McDonnell admitted that he could have done more to deal with Maureen's issues. He testified that he tried to help the mansion staff with Maureen's anger issues and anxiety in various ways, but said that looking back now, it wasn't enough. McDonnell said that Maureen did receive mental health counseling and medication in 2012.

McDonnell testified that he developed a relationship with Jonnie Williams that was separate from his wife. Maureen's defense showed text messages between McDonnell and Williams that did not include or pertain to Maureen.

Defense attorney Bill Burck asked Bob McDonnell about Maureen's interview with law enforcement on February 15, 2013. Bob testified that Maureen felt ambushed and lied to. McDonnell said Maureen was anxious and nervous, but testified that she never said she did anything wrong.

Friday, McDonnell said he didn't blame his wife Maureen, but a theme of his defense has been their broken marriage. McDonnell spoke about his wife's "fiery anger" and said it was Maureen who took loans from Virginia businessman Jonnie Williams without his knowledge.

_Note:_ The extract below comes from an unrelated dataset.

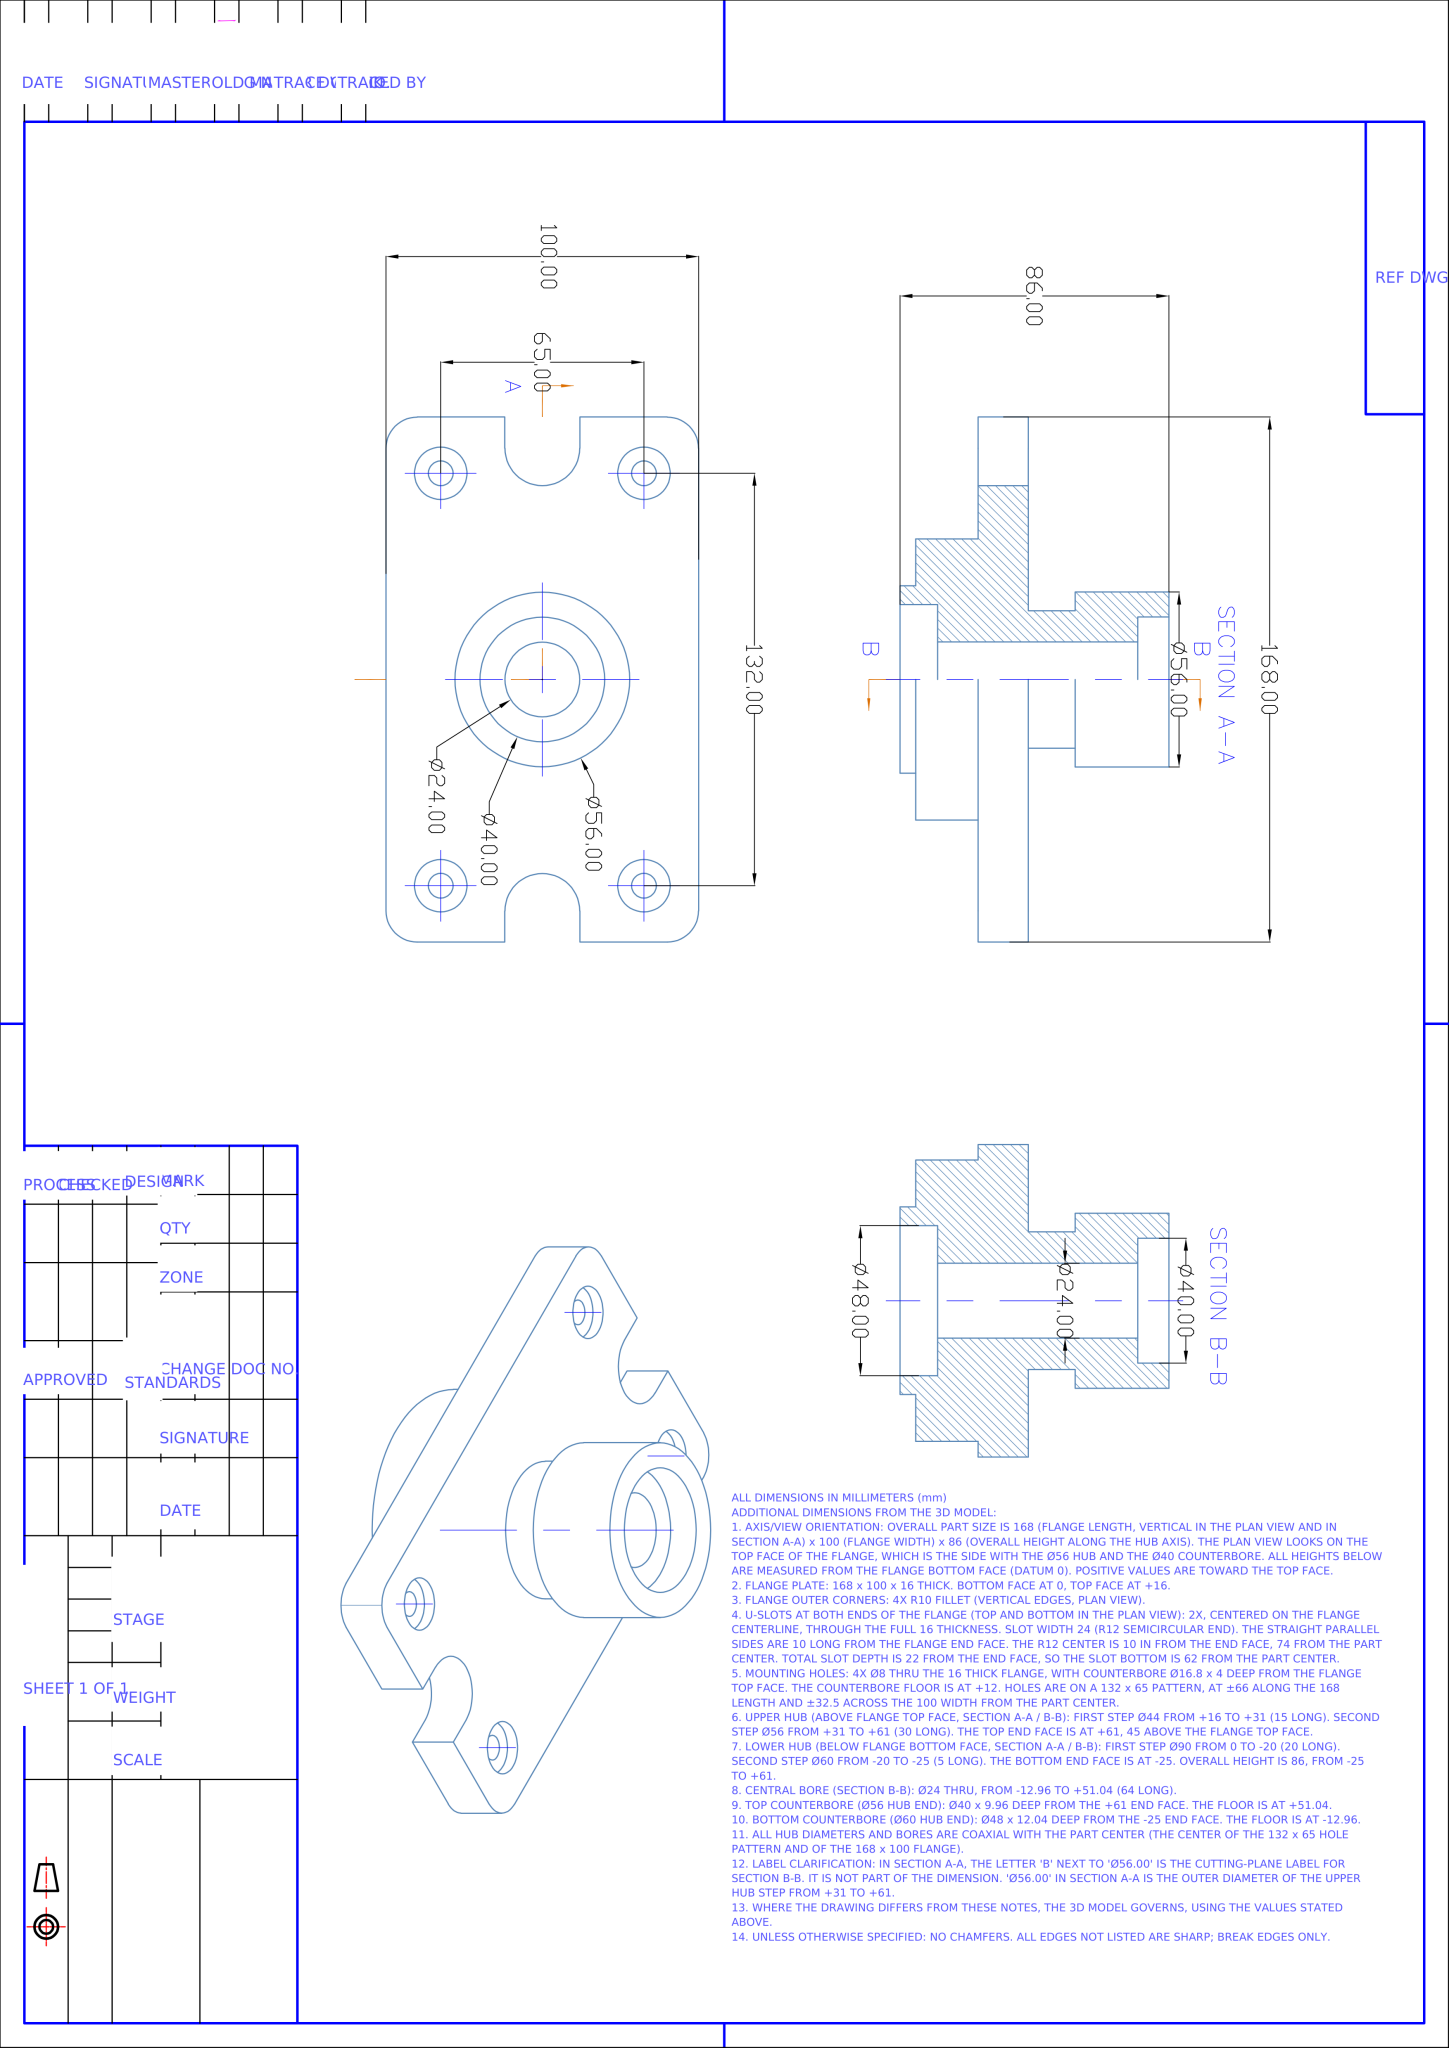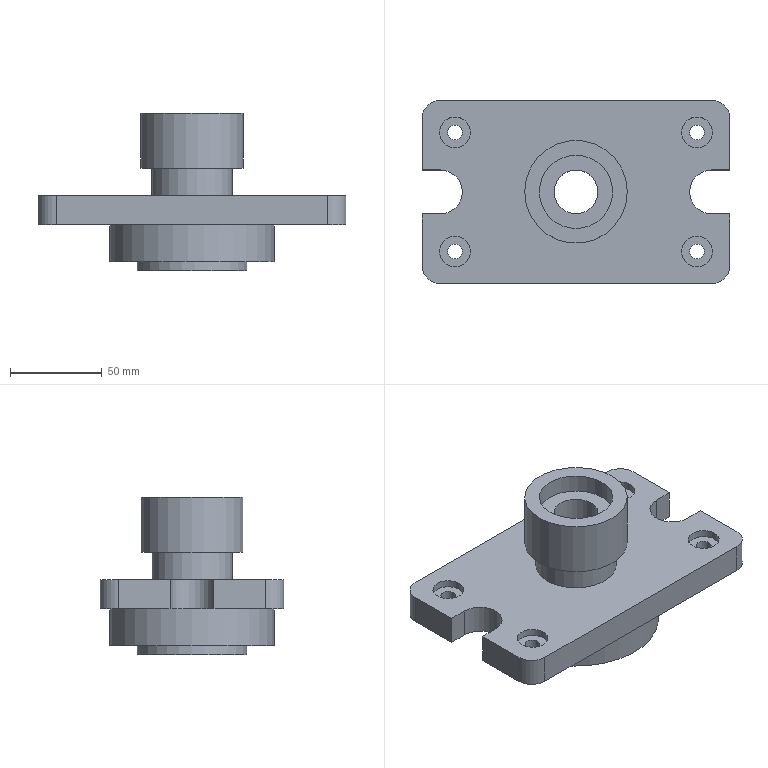Part | NX | mm | 1 solid | 43 faces | box 168 x 100 x 86 mm | volume 421364 mm3 | plane 22 | cylinder 21 | commonest cylinder face diameters 20 x4 8 x4 16.8 x4 24 x3 60 x1 90 x1 56 x1 44 x1

Bob and Maureen McDonnell are accused of accepting more than $177,000 in gifts and loans from then-Star Scientific CEO Jonnie Williams in exchange for promoting his dietary supplement, Anatabloc.

McDonnell testified that he didn't do anything illegal, but said he blames himself for letting his life get out of balance. He said Jonnie Williams gave Maureen the emotional relationship she wasn't getting from her husband.

Bob McDonnell said he didn't think accepting loans and gifts from Williams was inappropriate because Williams didn't ask for anything in return from the state government.

The former governor said he wouldn't trade his 38 years in public service for golf outings or expensive dinners. He said "having some time with my family" was the most important gift he ever received.